After tech stocks soared to a record high on Tuesday, Wednesday saw the sector lag markets while the Dow eked out a record close.
The blue chip Dow was the only one of the major indexes to finish in the green on Wednesday, adding 41 points to close at 26,252, while the S&P 500 lost less than 0.1% and the Nasdaq fell 0.6%.
Markets will also keep an eye on the dollar, which sank 0.8% on Wednesday after several White House officials, notably Treasury Secretary Steven Mnuchin, commented on the level of the greenback, which has given up almost half of its advance from 2014-15.
Mnuchin said at the World Economic Forum in Davos that the dollar is “not a concern of [the Trump administration’s] at all,” adding that, “a weaker dollar is good for us as it relates to trade and opportunities.” A weaker dollar is a benefit for U.S. exports, which could help close the trade deficit with China, among other major exporters, which has been a common point of emphasis for President Donald Trump.
In addition to more commentary out of Davos, markets will also have a few bits of economic data to parse, with the weekly report on initial jobless claims expected out as well as the December reading on new home sales.
Best start since ’87
As of Tuesday’s close, the S&P 500 has had its best start since 1987.
Those steeped in market history, of course, know that this year has some very negative connotations. In October of 1987, the Dow fell 22% on “Black Monday.”
Bespoke Investment Group noted Wednesday that the 6.12% gain the benchmark index logged through Tuesday is the seventh-best start to a year through January 28 dating back to 1928.
And while some of the years with better performances through January 23 are some infamous depression years — 1931, 1934, and 1938 — the takeaway from how the top-10 years for stocks through this date fared is that stocks went up. As per usual.
But these hot-starting years also brought investors some turbulence, with the average loss from the January 23 high coming in at 15% peak-to-trough decline while the average full-year return is 10.85%.

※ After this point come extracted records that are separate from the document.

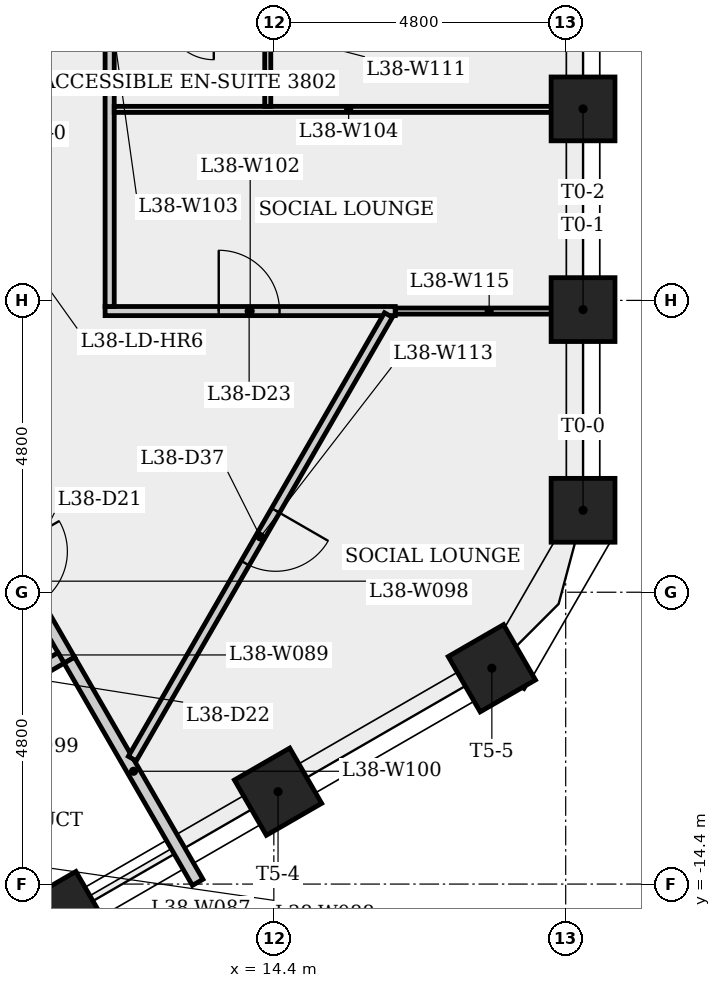
"""IFC4 building model, lengths in metres.
Left out: names, types, materials, properties, quantities, classifications, styles, units other than length and angle.
Written with IfcOpenShell. Run it as: python <this file> out.ifc"""

import sys

from ifc_helpers import new_model, si_unit, direction, frame, frame_2d, origin, origin_2d, place, context, subcontext, project, spatial, rectangle, extrude, element, fill, save


model = new_model("IFC4")
c1 = context("Model", 3, precision=1e-05, world=origin(), true_north=direction((0.0, 1.0)))
c2 = subcontext(c1, "Body", "Model", "MODEL_VIEW")
j1 = project(units=[si_unit("LENGTHUNIT", "METRE"), si_unit("PLANEANGLEUNIT", "RADIAN")], contexts=[c1])
p1 = place(None, origin())
s1 = spatial("IfcSite", under=j1, at=p1, CompositionType="ELEMENT")
p2 = place(p1, origin())
s2 = spatial("IfcBuilding", under=s1, at=p2, CompositionType="ELEMENT")
p3 = place(p2, frame((0.0, 0.0, 143.9)))
s3 = spatial("IfcBuildingStorey", under=s2, at=p3, CompositionType="ELEMENT", Elevation=143.9)
for number, where, z_axis, x_axis in (
    (1, (19.486, -8.252, 0.0), (0.0, 0.0, 1.0), (1.0, 0.0, 0.0)),
    (2, (19.486, -4.951, 0.0), (0.0, 0.0, 1.0), (1.0, 0.0, 0.0)),
    (3, (19.486, -1.65, 0.0), (0.0, 0.0, 1.0), (1.0, 0.0, 0.0)),
    (4, (10.953, -14.911, 0.0), (0.0, 0.0, 1.0), (0.5, -0.866, 0.0)),
    (5, (14.469, -12.88, 0.0), (0.0, 0.0, 1.0), (0.5, -0.866, 0.0)),
    (6, (17.986, -10.85, 0.0), (0.0, 0.0, 1.0), (0.5, -0.866, 0.0)),
):
    element("IfcColumn", number, at=place(p3, frame(where, z_axis=z_axis, x_axis=x_axis)), inside=s3, PredefinedType="COLUMN", context=c2, shape_type="SweptSolid", body=[
        extrude(rectangle(XDim=1.05, YDim=1.05, at=origin_2d()), origin(), (0.0, 0.0, 1.0), 4.0),
    ])
p4 = place(p3, frame((9.537, -8.119, 0.0), z_axis=(0.0, 0.0, 1.0), x_axis=(0.499990139034, -0.866031096941, 0.0)))
e7 = element("IfcWall", 7, at=p4, inside=s3, PredefinedType="PARTITIONING", context=c2, shape_type="SweptSolid", body=[
    extrude(rectangle(XDim=3.0, YDim=0.2, at=frame_2d((1.5, 0.0))), origin(), (0.0, 0.0, 1.0), 3.6),
])
p5 = place(p4, frame((0.935, 0.0, 0.0)))
e8 = element("IfcOpeningElement", 8, at=p5, cuts=e7, PredefinedType="OPENING", context=c2, shape_type="SweptSolid", body=[
    extrude(rectangle(XDim=1.0, YDim=2.1, at=frame_2d((0.5, 1.05))), frame((0.0, 0.11, 0.0), z_axis=(0.0, -1.0, 0.0), x_axis=(1.0, 0.0, 0.0)), (0.0, 0.0, 1.0), 0.22),
])
p6 = place(p3, frame((10.901, -10.681, 0.0), z_axis=(0.0, 0.0, 1.0), x_axis=(-0.866007538022, -0.500030943131, 0.0)))
e9 = element("IfcWall", 9, at=p6, inside=s3, PredefinedType="PLUMBINGWALL", context=c2, shape_type="SweptSolid", body=[
    extrude(rectangle(XDim=2.375, YDim=0.2, at=frame_2d((1.188, 0.0))), origin(), (0.0, 0.0, 1.0), 3.6),
])
p7 = place(p3, frame((11.037, -10.717, 0.0), z_axis=(0.0, 0.0, 1.0), x_axis=(0.500002884005, -0.866023738697, 0.0)))
e10 = element("IfcWall", 10, at=p7, inside=s3, PredefinedType="PLUMBINGWALL", context=c2, shape_type="SweptSolid", body=[
    extrude(rectangle(XDim=4.22, YDim=0.2, at=frame_2d((2.11, 0.0))), origin(), (0.0, 0.0, 1.0), 3.6),
])
p8 = place(p3, frame((11.625, -4.976, 0.0), z_axis=(0.0, 0.0, 1.0), x_axis=(1.0, 0.0, 0.0)))
e11 = element("IfcWall", 11, at=p8, inside=s3, PredefinedType="PARTITIONING", context=c2, shape_type="SweptSolid", body=[
    extrude(rectangle(XDim=4.772, YDim=0.15, at=frame_2d((2.386, 0.0))), origin(), (0.0, 0.0, 1.0), 3.6),
])
p9 = place(p8, frame((1.869, 0.0, 0.0)))
e12 = element("IfcOpeningElement", 12, at=p9, cuts=e11, PredefinedType="OPENING", context=c2, shape_type="SweptSolid", body=[
    extrude(rectangle(XDim=1.0, YDim=2.1, at=frame_2d((0.5, 1.05))), frame((0.0, 0.085, 0.0), z_axis=(0.0, -1.0, 0.0), x_axis=(1.0, 0.0, 0.0)), (0.0, 0.0, 1.0), 0.17),
])
p10 = place(p3, frame((11.7, -4.9, 0.0), z_axis=(0.0, 0.0, 1.0), x_axis=(0.0, 1.0, 0.0)))
e13 = element("IfcWall", 13, at=p10, inside=s3, PredefinedType="PARTITIONING", context=c2, shape_type="SweptSolid", body=[
    extrude(rectangle(XDim=9.951, YDim=0.15, at=frame_2d((4.976, 0.0))), origin(), (0.0, 0.0, 1.0), 3.6),
])
p11 = place(p10, frame((5.259, 0.0, 0.0)))
e14 = element("IfcOpeningElement", 14, at=p11, cuts=e13, PredefinedType="OPENING", context=c2, shape_type="SweptSolid", body=[
    extrude(rectangle(XDim=0.9, YDim=2.1, at=frame_2d((0.45, 1.05))), frame((0.0, 0.085, 0.0), z_axis=(0.0, -1.0, 0.0), x_axis=(1.0, 0.0, 0.0)), (0.0, 0.0, 1.0), 0.17),
])
p12 = place(p3, frame((11.775, -1.658, 0.0), z_axis=(0.0, 0.0, 1.0), x_axis=(1.0, 0.0, 0.0)))
e15 = element("IfcWall", 15, at=p12, inside=s3, PredefinedType="PARTITIONING", context=c2, shape_type="SweptSolid", body=[
    extrude(rectangle(XDim=7.711, YDim=0.1, at=frame_2d((3.855, 0.0))), origin(), (0.0, 0.0, 1.0), 3.6),
])
p13 = place(p3, frame((14.3, -1.608, 0.0), z_axis=(0.0, 0.0, 1.0), x_axis=(0.0, 1.0, 0.0)))
e16 = element("IfcWall", 16, at=p13, inside=s3, PredefinedType="PARTITIONING", context=c2, shape_type="SweptSolid", body=[
    extrude(rectangle(XDim=1.617, YDim=0.1, at=frame_2d((0.809, 0.0))), origin(), (0.0, 0.0, 1.0), 3.6),
])
p14 = place(p3, frame((16.285, -5.041, 0.0), z_axis=(0.0, 0.0, 1.0), x_axis=(-0.499997548519, -0.866026819143, 0.0)))
e17 = element("IfcWall", 17, at=p14, inside=s3, PredefinedType="PARTITIONING", context=c2, shape_type="SweptSolid", body=[
    extrude(rectangle(XDim=8.425, YDim=0.15, at=frame_2d((4.212, 0.0))), origin(), (0.0, 0.0, 1.0), 3.6),
])
p15 = place(p14, frame((3.712, 0.0, 0.0)))
e18 = element("IfcOpeningElement", 18, at=p15, cuts=e17, PredefinedType="OPENING", context=c2, shape_type="SweptSolid", body=[
    extrude(rectangle(XDim=1.0, YDim=2.1, at=frame_2d((0.5, 1.05))), frame((0.0, 0.085, 0.0), z_axis=(0.0, -1.0, 0.0), x_axis=(1.0, 0.0, 0.0)), (0.0, 0.0, 1.0), 0.17),
])
p16 = place(p3, frame((19.486, -4.976, 0.0), z_axis=(0.0, 0.0, 1.0), x_axis=(-1.0, 0.0, 0.0)))
e19 = element("IfcWall", 19, at=p16, inside=s3, PredefinedType="PARTITIONING", context=c2, shape_type="SweptSolid", body=[
    extrude(rectangle(XDim=3.088, YDim=0.1, at=frame_2d((1.544, 0.0))), origin(), (0.0, 0.0, 1.0), 3.6),
])
p17 = place(p9, origin())
e20 = element("IfcDoor", 20, at=p17, inside=s3, OperationType="SINGLE_SWING_LEFT", PredefinedType="DOOR", context=c2, shape_type="SweptSolid", body=[
    extrude(rectangle(XDim=1.0, YDim=2.1, at=frame_2d((0.5, 1.05))), frame((0.0, 0.025, 0.0), z_axis=(0.0, -1.0, 0.0), x_axis=(1.0, 0.0, 0.0)), (0.0, 0.0, 1.0), 0.05),
])
fill(e12, e20)
p18 = place(p15, origin())
e21 = element("IfcDoor", 21, at=p18, inside=s3, OperationType="SINGLE_SWING_LEFT", PredefinedType="DOOR", context=c2, shape_type="SweptSolid", body=[
    extrude(rectangle(XDim=1.0, YDim=2.1, at=frame_2d((0.5, 1.05))), frame((0.0, 0.025, 0.0), z_axis=(0.0, -1.0, 0.0), x_axis=(1.0, 0.0, 0.0)), (0.0, 0.0, 1.0), 0.05),
])
fill(e18, e21)
save(model, sys.argv[1])

These numbers, however, mostly just make clear that years in which the markets get off to a hot start are a lot like other years. As we noted last year, the stock market declines 10% from its yearly high three-quarters of the time and only twice in the last 89 years has the market not fallen at least 4.4% from an interim peak — 2017 was one of those years. And on average, the S&P 500 returns about 8% a year.
So while Wednesday saw a more mixed market picture, the theme of markets in the early days of 2018 has been a continuation of what we saw in 2017. There is little that seems to be standing in the way of stocks going up with plenty of buyers at-the-ready when equity markets pull back even a little.
And market history, while telling us that years which see stocks go up at the outset usually continue this trend, also tells us that these placid times for bullish investors are likely to end. When, and how, and why, of course, are the unknowns.